Maroc
Le Maroc est frappé de plein fouet par sa pire sécheresse depuis près de 40 ans, une catastrophe qui fait craindre une sévère pénurie d'eau potable cette année, conséquence du changement climatique et d'une gestion hydrique inefficiente.
"Le pays n'a pas enregistré une telle situation depuis le début des années 80", a indiqué à l'AFP Abderrahim Hendouf, spécialiste des politiques de l'eau. Si par le passé, la sécheresse - récurrente au Maroc - touchait principalement les régions rurales et le secteur agricole, elle pèse actuellement sur "l'approvisionnement en eau potable en zone urbaine", a récemment prévenu le ministre de l'Équipement et de l'Eau, Nizar Baraka, devant les députés.

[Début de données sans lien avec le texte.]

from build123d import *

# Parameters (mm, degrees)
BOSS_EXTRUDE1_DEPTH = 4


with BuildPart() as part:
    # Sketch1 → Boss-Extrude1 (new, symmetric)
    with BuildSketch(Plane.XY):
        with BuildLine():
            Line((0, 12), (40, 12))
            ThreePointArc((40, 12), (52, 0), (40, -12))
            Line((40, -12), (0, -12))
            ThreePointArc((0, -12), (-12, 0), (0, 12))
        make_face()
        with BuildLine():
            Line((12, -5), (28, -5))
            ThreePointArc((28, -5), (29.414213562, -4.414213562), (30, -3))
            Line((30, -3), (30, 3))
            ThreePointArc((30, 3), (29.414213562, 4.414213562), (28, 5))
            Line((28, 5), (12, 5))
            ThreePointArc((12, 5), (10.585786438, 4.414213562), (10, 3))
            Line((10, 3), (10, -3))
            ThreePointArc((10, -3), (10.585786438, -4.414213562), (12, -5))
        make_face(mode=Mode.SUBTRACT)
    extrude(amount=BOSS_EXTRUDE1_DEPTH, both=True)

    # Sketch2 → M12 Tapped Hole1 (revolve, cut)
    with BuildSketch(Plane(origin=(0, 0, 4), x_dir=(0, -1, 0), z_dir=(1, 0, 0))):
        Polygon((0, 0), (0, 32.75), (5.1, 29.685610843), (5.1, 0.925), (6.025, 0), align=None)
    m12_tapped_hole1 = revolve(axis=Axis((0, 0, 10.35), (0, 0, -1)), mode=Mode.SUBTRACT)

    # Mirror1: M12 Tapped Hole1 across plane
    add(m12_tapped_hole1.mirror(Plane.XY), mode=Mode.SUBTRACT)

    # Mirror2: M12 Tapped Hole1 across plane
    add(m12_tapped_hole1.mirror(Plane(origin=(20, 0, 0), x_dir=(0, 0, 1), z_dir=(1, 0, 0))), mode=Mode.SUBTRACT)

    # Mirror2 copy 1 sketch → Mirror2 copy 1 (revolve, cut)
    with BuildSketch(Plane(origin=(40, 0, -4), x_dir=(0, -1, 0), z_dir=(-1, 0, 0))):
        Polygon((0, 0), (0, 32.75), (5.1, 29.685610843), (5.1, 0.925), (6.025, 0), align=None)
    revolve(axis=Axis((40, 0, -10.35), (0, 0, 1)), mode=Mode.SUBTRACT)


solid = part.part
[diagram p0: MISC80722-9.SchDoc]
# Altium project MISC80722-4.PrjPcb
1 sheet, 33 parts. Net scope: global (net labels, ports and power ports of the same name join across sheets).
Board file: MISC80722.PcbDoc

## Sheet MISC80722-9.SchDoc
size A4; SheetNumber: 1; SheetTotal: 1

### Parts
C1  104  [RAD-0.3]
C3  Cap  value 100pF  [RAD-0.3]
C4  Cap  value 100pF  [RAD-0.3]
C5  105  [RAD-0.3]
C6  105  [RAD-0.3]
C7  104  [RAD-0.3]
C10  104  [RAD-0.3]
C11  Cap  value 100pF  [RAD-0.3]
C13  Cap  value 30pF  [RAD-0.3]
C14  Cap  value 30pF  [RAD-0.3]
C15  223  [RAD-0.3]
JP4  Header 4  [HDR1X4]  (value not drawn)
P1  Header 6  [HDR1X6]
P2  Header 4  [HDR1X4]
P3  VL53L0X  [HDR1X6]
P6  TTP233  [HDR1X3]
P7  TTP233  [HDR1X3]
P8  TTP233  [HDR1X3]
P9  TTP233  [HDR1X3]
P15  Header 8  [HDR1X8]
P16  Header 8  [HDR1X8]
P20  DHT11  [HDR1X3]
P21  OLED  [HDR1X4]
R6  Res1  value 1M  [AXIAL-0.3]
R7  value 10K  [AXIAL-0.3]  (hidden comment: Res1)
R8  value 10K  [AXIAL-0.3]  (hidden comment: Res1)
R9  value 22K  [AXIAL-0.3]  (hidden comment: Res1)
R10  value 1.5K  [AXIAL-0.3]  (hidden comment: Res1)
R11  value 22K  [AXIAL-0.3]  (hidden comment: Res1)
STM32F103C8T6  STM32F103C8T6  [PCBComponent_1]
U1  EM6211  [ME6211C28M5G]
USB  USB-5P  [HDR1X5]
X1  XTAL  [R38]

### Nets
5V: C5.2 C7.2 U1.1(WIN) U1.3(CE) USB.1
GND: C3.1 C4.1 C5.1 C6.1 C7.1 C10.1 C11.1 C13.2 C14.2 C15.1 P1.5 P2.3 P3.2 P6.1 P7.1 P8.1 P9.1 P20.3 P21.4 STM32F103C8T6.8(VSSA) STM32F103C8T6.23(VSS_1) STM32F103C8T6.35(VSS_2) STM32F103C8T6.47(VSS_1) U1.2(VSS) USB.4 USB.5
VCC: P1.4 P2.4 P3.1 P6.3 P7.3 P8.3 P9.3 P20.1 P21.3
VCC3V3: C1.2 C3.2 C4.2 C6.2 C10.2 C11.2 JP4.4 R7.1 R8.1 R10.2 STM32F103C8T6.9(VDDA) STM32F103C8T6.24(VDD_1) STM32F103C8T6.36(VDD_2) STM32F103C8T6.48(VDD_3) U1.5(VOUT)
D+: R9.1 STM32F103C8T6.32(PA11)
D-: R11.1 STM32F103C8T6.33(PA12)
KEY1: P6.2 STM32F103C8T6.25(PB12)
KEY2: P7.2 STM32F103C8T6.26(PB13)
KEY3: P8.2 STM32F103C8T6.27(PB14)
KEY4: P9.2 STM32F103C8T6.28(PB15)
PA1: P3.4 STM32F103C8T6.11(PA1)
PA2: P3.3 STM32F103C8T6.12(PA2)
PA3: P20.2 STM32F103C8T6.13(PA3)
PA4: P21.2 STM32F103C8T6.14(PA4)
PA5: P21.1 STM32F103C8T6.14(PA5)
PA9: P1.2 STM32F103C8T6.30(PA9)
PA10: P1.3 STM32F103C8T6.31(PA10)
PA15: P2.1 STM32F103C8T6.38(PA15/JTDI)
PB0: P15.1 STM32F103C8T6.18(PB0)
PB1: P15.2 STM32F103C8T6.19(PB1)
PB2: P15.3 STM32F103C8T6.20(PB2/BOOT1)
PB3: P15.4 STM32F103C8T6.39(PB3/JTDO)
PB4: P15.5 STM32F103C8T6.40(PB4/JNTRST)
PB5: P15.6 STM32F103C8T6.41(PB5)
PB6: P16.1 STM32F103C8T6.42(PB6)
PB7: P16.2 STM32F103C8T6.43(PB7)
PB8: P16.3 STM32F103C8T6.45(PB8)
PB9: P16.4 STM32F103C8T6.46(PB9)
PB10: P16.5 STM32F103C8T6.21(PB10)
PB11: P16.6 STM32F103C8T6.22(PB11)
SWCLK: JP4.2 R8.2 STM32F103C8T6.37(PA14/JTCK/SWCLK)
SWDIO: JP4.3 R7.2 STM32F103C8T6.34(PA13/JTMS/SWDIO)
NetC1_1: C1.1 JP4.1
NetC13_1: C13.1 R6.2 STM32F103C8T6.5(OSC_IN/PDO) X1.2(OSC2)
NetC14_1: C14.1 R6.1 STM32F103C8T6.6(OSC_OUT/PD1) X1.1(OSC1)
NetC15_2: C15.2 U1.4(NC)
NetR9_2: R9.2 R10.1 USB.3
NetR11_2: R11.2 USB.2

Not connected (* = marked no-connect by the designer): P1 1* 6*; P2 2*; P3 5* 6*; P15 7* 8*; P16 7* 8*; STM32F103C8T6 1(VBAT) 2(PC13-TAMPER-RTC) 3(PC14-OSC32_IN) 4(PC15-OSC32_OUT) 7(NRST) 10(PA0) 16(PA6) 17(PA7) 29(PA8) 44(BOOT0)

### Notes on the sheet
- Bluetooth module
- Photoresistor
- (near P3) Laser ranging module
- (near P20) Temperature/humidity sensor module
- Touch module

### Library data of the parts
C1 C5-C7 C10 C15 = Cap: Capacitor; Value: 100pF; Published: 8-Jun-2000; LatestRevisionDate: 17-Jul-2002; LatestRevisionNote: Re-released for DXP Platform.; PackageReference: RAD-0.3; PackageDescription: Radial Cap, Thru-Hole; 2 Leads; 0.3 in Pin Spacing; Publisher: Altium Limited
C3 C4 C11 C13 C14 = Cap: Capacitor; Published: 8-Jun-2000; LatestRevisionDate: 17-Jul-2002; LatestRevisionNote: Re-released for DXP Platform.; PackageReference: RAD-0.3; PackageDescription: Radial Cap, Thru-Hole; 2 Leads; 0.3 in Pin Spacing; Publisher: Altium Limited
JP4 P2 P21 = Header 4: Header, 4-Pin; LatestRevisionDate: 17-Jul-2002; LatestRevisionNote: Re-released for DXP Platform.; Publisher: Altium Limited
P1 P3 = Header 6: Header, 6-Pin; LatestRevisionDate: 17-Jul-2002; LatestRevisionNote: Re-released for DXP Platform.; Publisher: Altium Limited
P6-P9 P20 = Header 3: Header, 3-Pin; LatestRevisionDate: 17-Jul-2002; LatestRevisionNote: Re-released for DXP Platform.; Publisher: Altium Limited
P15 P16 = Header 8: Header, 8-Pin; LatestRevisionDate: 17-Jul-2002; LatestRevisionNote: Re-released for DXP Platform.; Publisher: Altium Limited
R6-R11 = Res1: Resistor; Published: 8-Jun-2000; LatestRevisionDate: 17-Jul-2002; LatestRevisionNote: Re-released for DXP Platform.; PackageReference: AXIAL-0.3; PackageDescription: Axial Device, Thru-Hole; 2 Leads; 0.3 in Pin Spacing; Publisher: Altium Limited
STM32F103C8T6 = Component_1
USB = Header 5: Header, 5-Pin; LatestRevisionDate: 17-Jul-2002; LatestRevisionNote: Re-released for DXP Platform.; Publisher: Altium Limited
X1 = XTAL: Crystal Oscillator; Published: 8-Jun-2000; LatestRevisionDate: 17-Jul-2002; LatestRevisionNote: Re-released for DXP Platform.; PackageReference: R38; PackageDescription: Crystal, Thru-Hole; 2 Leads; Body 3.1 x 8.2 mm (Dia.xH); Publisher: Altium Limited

Soumis de longue date aux variations climatiques, le pays subit un sévère déficit pluviométrique depuis septembre 2021 et une baisse alarmante des réserves des barrages de près de 89% par rapport à la moyenne annuelle, selon les statistiques officielles. Ce déficit est "un indicateur inquiétant même s'il a été résorbé par des mesures préventives, afin d'éviter les pénuries d'eau", a reconnu Abdelaziz Zerouali, directeur de la Recherche et de la Planification de l'eau, dans un entretien télévisé.
Nappe phréatique
Deux grandes villes, Marrakech (sud), capitale touristique, et Oujda (est), ont évité le pire en ayant recours depuis fin décembre à la nappe phréatique pour assurer leur approvisionnement. Pour contenir les effets dévastateurs de la sécheresse, le gouvernement a débloqué à la mi-février un programme d'aide au secteur agricole - premier contributeur du PIB (14%) devant le tourisme et l'industrie et principale source d'emplois en milieu rural - de près d'un milliard d'euros.
Mais à long terme, il est "nécessaire de changer notre vision sur la question de l'eau. Le changement climatique est réel et nous devons nous préparer pour y faire face", a alerté Abdelaziz Zerouali lors d'une conférence sur "le droit à l'eau" à Rabat.
Avec seulement 600 mètres cubes d'eau par habitant et par an, le Maroc se situe largement sous le seuil de la pénurie hydrique. A titre de comparaison, la disponibilité en eau était quatre fois supérieure à 2 600 m3 dans les années 1960. Au-delà des facteurs environnementaux, "la forte demande en eau" et "la surexploitation des nappes phréatiques" contribuent à faire pression sur les ressources hydriques, souligne le ministre Nizar Baraka.
Dessalement d'eau de mer
Dans un article pour l'Institut marocain d'analyse des politiques (MIPA), la chercheuse Amal Ennabih estime que la rareté de l'eau est "profondément liée à la façon dont cette ressource est utilisée pour l'irrigation, consommant environ 80% de l'eau du Maroc chaque année". Une situation d'autant plus alarmante que 10% seulement des terres agricoles sont irriguées, relève l'expert Abderrahim Hendouf, qui plaide pour une réduction du poids excessif du secteur agricole dans l'économie marocaine.
Le royaume chérifien mise principalement sur le dessalement de l'eau de mer pour remédier au déficit hydrique, un procédé polluant à cause de la saumure produite. Mais la mise en chantier du programme est confrontée à "des retards". La station de dessalement de Casablanca est toujours en chantier et la mégapole économique est menacée d'un déficit en eau dès 2025.
Déficit en eau potable
Autre exemple : le retard de livraison de l'usine de dessalement de la station balnéaire de Saïdia (nord-est) a "provoqué une pénurie" dans les villes environnantes, selon Nizar Baraka. Par ailleurs, la construction de 15 barrages prend aussi du retard.
La menace d'un déficit en eau potable planait également sur la ville touristique d'Agadir, à hauteur de 70% en mars par rapport à ses besoins. Un risque évité grâce notamment à la nouvelle station de dessalement de ce chef-lieu de la plus importante région agricole du Maroc, selon des chiffres officiels.
Les mesures draconiennes imposées à Agadir à l'automne 2020 - l'eau des robinets était coupée la nuit - ne sont aujourd'hui plus qu'un mauvais souvenir.